Over time, people around the world have increasingly benefitted from major improvements in life expectancy and quality, in part due to huge leaps forward in the benefits offered by new medicines. New Zealanders have also experienced many of these benefits and medicines are a cornerstone of all modern health systems.
New Zealand is unusual in how it makes decisions about what medicines to purchase. The main points of difference are however, not that it uses cost effectiveness as a decision criteria, but issues such as the lack of transparency, timeliness and independent clinical advice. When making a decision that is truly based on evidence, there is no need to avoid a healthy and open scientific debate. In fact one of the foundations of scientific evidence is that it should be open to scrutiny and review.
The medicines industry recognises that PHARMAC has been successful in providing equal access to medicines for people, but equality of access does not need to come at the expense of access to improved medicines.

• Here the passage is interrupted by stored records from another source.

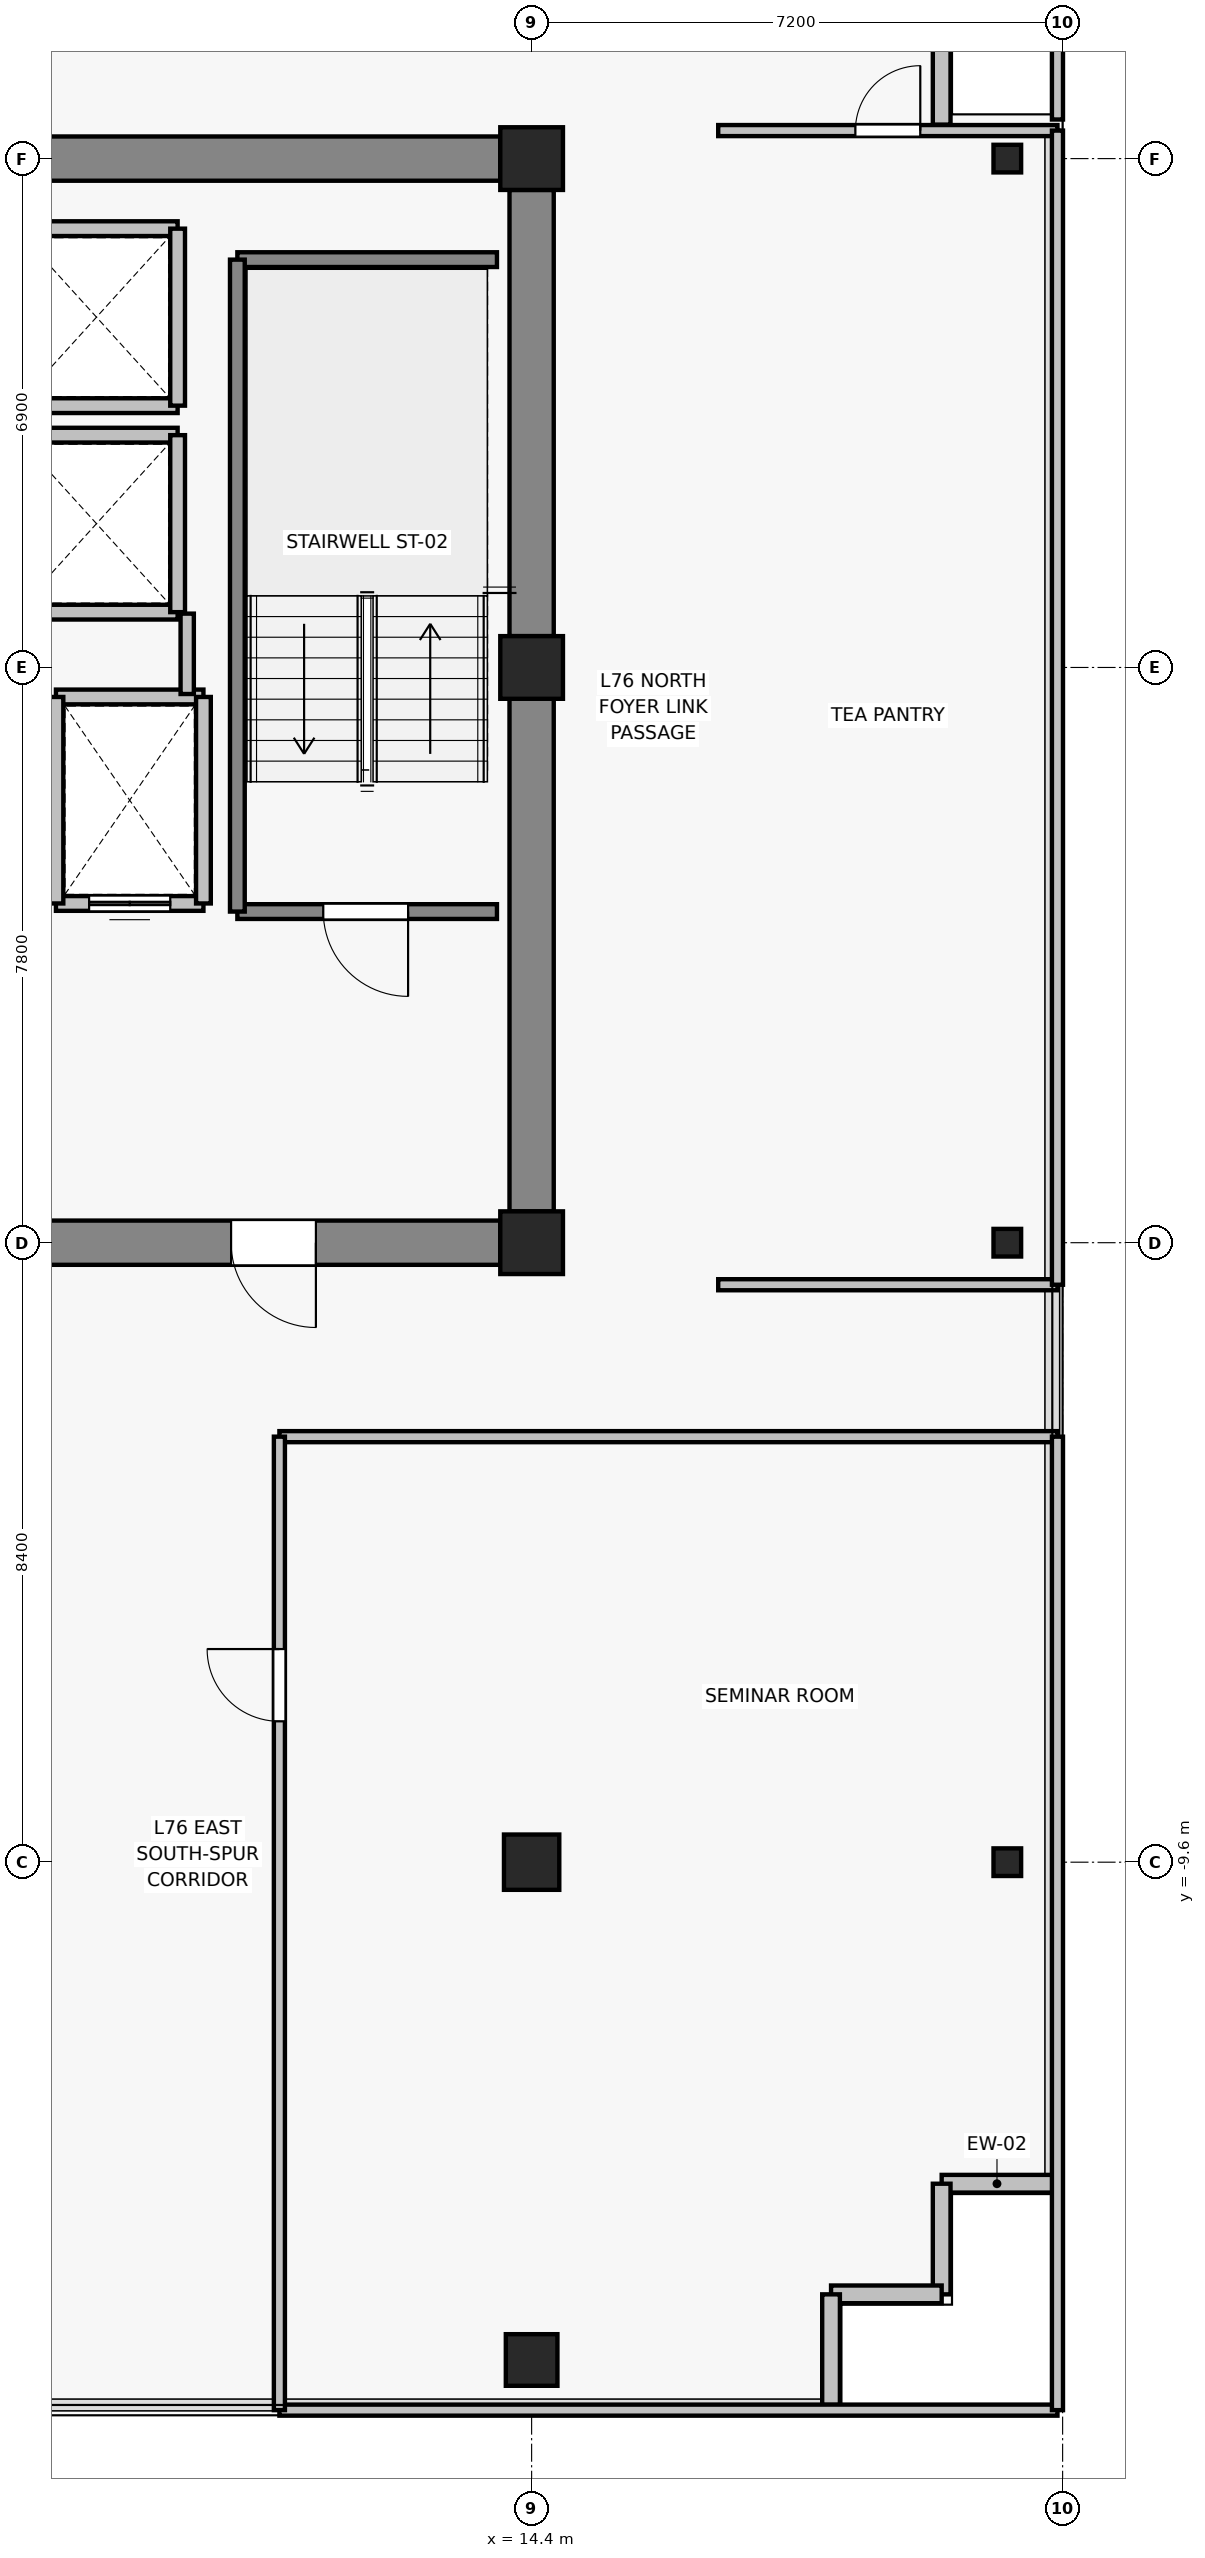
"""IFC4 building model, lengths in metres.
Left out: names, types, materials, properties, quantities, classifications, styles, units other than length and angle.
Written with IfcOpenShell. Run it as: python <this file> out.ifc"""

import sys

from ifc_helpers import new_model, si_unit, direction, frame, frame_2d, origin, origin_2d, place, context, subcontext, project, spatial, rectangle, i_section, extrude, source, transform, mapped, element, fill, save


model = new_model("IFC4")
c1 = context("Model", 3, precision=1e-05, world=origin(), true_north=direction((0.0, 1.0)))
c2 = subcontext(c1, "Body", "Model", "MODEL_VIEW")
j1 = project(units=[si_unit("LENGTHUNIT", "METRE"), si_unit("PLANEANGLEUNIT", "RADIAN")], contexts=[c1])
p1 = place(None, origin())
s1 = spatial("IfcSite", under=j1, at=p1, CompositionType="ELEMENT")
p2 = place(p1, origin())
s2 = spatial("IfcBuilding", under=s1, at=p2, CompositionType="ELEMENT")
p3 = place(p2, frame((0.0, 0.0, 268.3)))
s3 = spatial("IfcBuildingStorey", under=s2, at=p3, CompositionType="ELEMENT", Elevation=268.3)
for number, where, z_axis, x_axis in (
    (1, (14.4, -1.2, 0.0), (0.0, 0.0, 1.0), (1.0, 0.0, 0.0)),
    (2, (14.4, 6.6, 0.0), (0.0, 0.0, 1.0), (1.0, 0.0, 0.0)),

There are a number of people who do not get access to the most effective treatment for their conditions, and because the decisions about this access are made in a black box, the public cannot know if they are the best possible decisions.
Public debate can only be meaningful when the information on which it relies is available and this is essentially the basis of the changes suggested by the medicines industry in the TPP negotiations currently being carried out between NZ and the US and other Pacific nations.
The improvements being recommended to the PHARMAC system are:
Timelines - decisions should be made within a predetermined timeframe
Transparency - the scientific information on which decisions are based should be shared transparently between PHARMAC and applicants
Decisions - the system should require PHARMAC to make a decision and communicate this decision to stakeholders
Decision criteria - these should be applied transparently and consistently
Stakeholder access - stakeholders should have meaningful opportunity to provide input to the decision process at the appropriate stages
Targeting pharmaceuticals - pharmaceutical products should not be treated differently to other health technologies in the procurement process
Value attributed to innovative treatments - where innovative treatments demonstrate improved patient outcomes these should be appropriately valued by the procurement system.
The improvements sought are strongly aligned with the recent report to Cabinet on the consultation with clinicians about the role of PHARMAC being expanded into funding hospital medicines collated by Dr David Sage of the Auckland DHB.
After 17 years of a heavily restrained medicines investment and a seemingly exclusive focus on cost saving there are areas where we have not kept up with international best practice, as confirmed by a recent literature article showing New Zealand achieves access to medicines at approximately half the rate that Australia does. There are also differences between the medicines used in NZ and those recommended by some of the internationally accepted treatment guidelines.
We believe that the improvements discussed here provide an opportunity for a win-win situation between improved patient access to medicines and a robust Health Technology Assessment (HTA) based funding process.